Sorry if I am off, I'm just pumped about the season and can't stop thinking about hunting and how to better my (and everybody else's) hunting situation.


----------



## Knotwild (Sep 27, 2015)

I am not so sure about Ducks Unlimited tactics. I am not a DU expert, but they seem to take the money they raise and spend a large portion with large landowners. I know of one place that is receiving matching funds from DU and they are doing close to a million dollars worth of work as we speak. It is private and we can't hunt there. Some argue that attracting ducks benefits the public hunters, but I don't see it. The ducks change patterns to avoid heat.


----------



## rnelson5 (Sep 27, 2015)

Awoods you are spinning your wheels. DNR is so underfunded they can't even keep existing "food plots" on wma's planted. It will never happen.


----------



## GSURugger (Sep 27, 2015)

rnelson5 said:


> Awoods you are spinning your wheels. DNR is so underfunded they can't even keep existing "food plots" on wma's planted. It will never happen.

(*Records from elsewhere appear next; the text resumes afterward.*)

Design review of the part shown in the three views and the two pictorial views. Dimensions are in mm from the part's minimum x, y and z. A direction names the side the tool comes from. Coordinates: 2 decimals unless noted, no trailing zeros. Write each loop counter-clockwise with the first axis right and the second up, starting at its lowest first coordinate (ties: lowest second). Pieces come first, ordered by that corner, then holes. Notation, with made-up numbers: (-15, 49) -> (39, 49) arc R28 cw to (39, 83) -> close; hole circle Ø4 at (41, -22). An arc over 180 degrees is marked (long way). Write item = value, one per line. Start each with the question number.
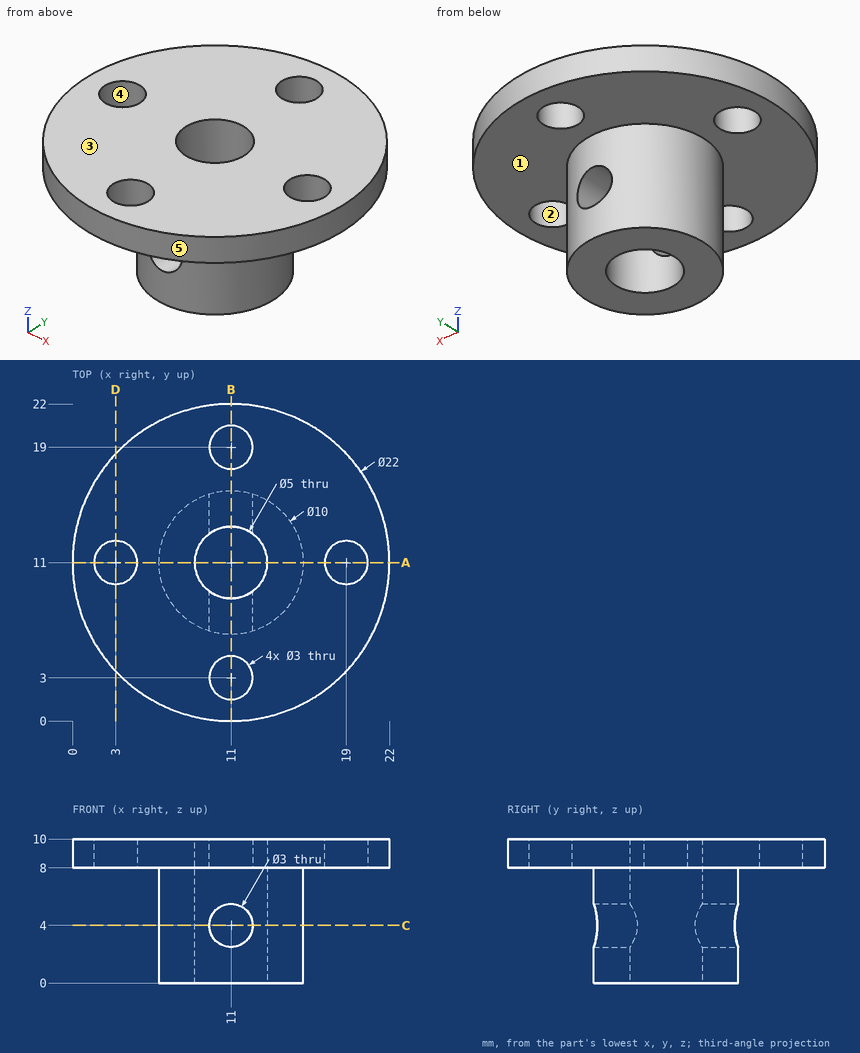
(1) Take a section at C-C, the plane z = 4. State the section outline as (x, y) points.
(2) For the marked faces 1 and 2, list the 3-axis set-ups (+Z, -Z, +X, -X, +Y, -Y) from which the entire face can be reached by the end or side of a thin tool; tool diameter is ignored.
(3) For pin 1 Ø5 at (x, z) = (11.5, 8) entering from +Y; pin 2 Ø4 at (x, z) = (11, 4) entering from +Y; pin 3 Ø6 at (x, z) = (12, 1) entering from -Y; pin 4 Ø4 at (x, z) = (14.5, 7) entering from -Y, all flat-tipped, find the tip position at first contact; note any pin that passes through.
(4) Take a section at A-A, the plane y = 11. State the section outline as (x, z) points.
(5) For line 1 (Y direction, x = 11, z = 8.9); line 2 (Z direction, x = 11, y = 13.85); line 3 (Z direction, x = 9.25, y = 17), list the stretches that pass through material, from the lowest coordinate up.
(6) Take a section at B-B, the plane x = 11. State the section outline as (y, z) points, then the cut area to 3 significant figures.
(7) Take a section at D-D, the plane x = 3. State the section outline as (y, z) points.
(8) Mouldability with a two-part tool opening along Y and no side actions: class the marked faces 3, 4 and 5 as pulls with the +Y half, pulls with the -Y half, needs draft (parallel to the pull), parting line crosses it, or undercut.
Report:
q1.outline = (9.5, 6.23) -> (9.5, 9) arc R2.5 cw to (9.5, 13) -> (9.5, 15.77) arc R5 ccw to start; (12.5, 6.23) arc R5 ccw to (12.5, 15.77) -> (12.5, 13) arc R2.5 cw to (12.5, 9) -> close
q2.face_1 = -Z
q2.face_2 = +Z, -Z
q3.pin_1 = 22
q3.pin_2 = 16
q3.pin_3 = 6
q3.pin_4 = 0.14
q4.outline = (0, 8) -> (1.5, 8) -> (1.5, 10) -> (0, 10) -> close; (4.5, 8) -> (6, 8) -> (6, 0) -> (8.5, 0) -> (8.5, 10) -> (4.5, 10) -> close; (13.5, 0) -> (16, 0) -> (16, 8) -> (17.5, 8) -> (17.5, 10) -> (13.5, 10) -> close; (20.5, 8) -> (22, 8) -> (22, 10) -> (20.5, 10) -> close
q5.line_1 = 0 to 1.5, 4.5 to 8.5, 13.5 to 17.5, 20.5 to 22
q5.line_2 = 0 to 2.5, 5.5 to 10
q5.line_3 = 8 to 10
q6.outline = (0, 8) -> (1.5, 8) -> (1.5, 10) -> (0, 10) -> close; (4.5, 8) -> (6, 8) -> (6, 5.5) -> (8.5, 5.5) -> (8.5, 10) -> (4.5, 10) -> close; (6, 0) -> (8.5, 0) -> (8.5, 2.5) -> (6, 2.5) -> close; (13.5, 0) -> (16, 0) -> (16, 2.5) -> (13.5, 2.5) -> close; (13.5, 5.5) -> (16, 5.5) -> (16, 8) -> (17.5, 8) -> (17.5, 10) -> (13.5, 10) -> close; (20.5, 8) -> (22, 8) -> (22, 10) -> (20.5, 10) -> close
q6.area = 47.0 mm2
q7.outline = (3.45, 8) -> (9.5, 8) -> (9.5, 10) -> (3.45, 10) -> close; (12.5, 8) -> (18.55, 8) -> (18.55, 10) -> (12.5, 10) -> close
q8.face_3 = needs draft
q8.face_4 = undercut
q8.face_5 = parting line crosses it

Nope. A better option would be if all the ACE/Ga Power dams were removed.(LOL)   The rivers don't naturally flood anymore; much habitat was lost when the lakes were built.


----------



## tradhunter98 (Sep 27, 2015)

And talking about timber flooding when the river gets out of the banks, from what I've seen duck really flock to fresh flooded stuff due to the freshly flooded food. Let water stand long enough there won't be much food for them.


----------



## king killer delete (Sep 27, 2015)

Been complaining about this since 78. It ain't Gona change. Good luck&#55357;&#56832;


----------



## awoods (Sep 27, 2015)

Thanks for the comments. I guess not having enough ducks is a "first world problem". At least we are a few states over from good hunting. And I guess it can be a good thing that most GA hunters don't duck hunt, less competition!


----------



## georgiaboy94 (Sep 27, 2015)

I think that georgia's problem, as mentioned above, is habitat... not the birds. Look at Florida for example. They hold a lot more birds than we do and I guarantee they don't fly a circle around georgia to get there. If the money was available, I think that Georgia could definitely improve on the habitat. We have plenty of areas such as the coast, large lakes, and flat hardwood tracts along rivers that have the potential to hold birds if the were managed properly.


----------



## WOODIE13 (Sep 27, 2015)

awoods said:


> Thanks for the comments. I guess not having enough ducks is a "first world problem". At least we are a few states over from good hunting. And I guess it can be a good thing that most GA hunters don't duck hunt, less competition!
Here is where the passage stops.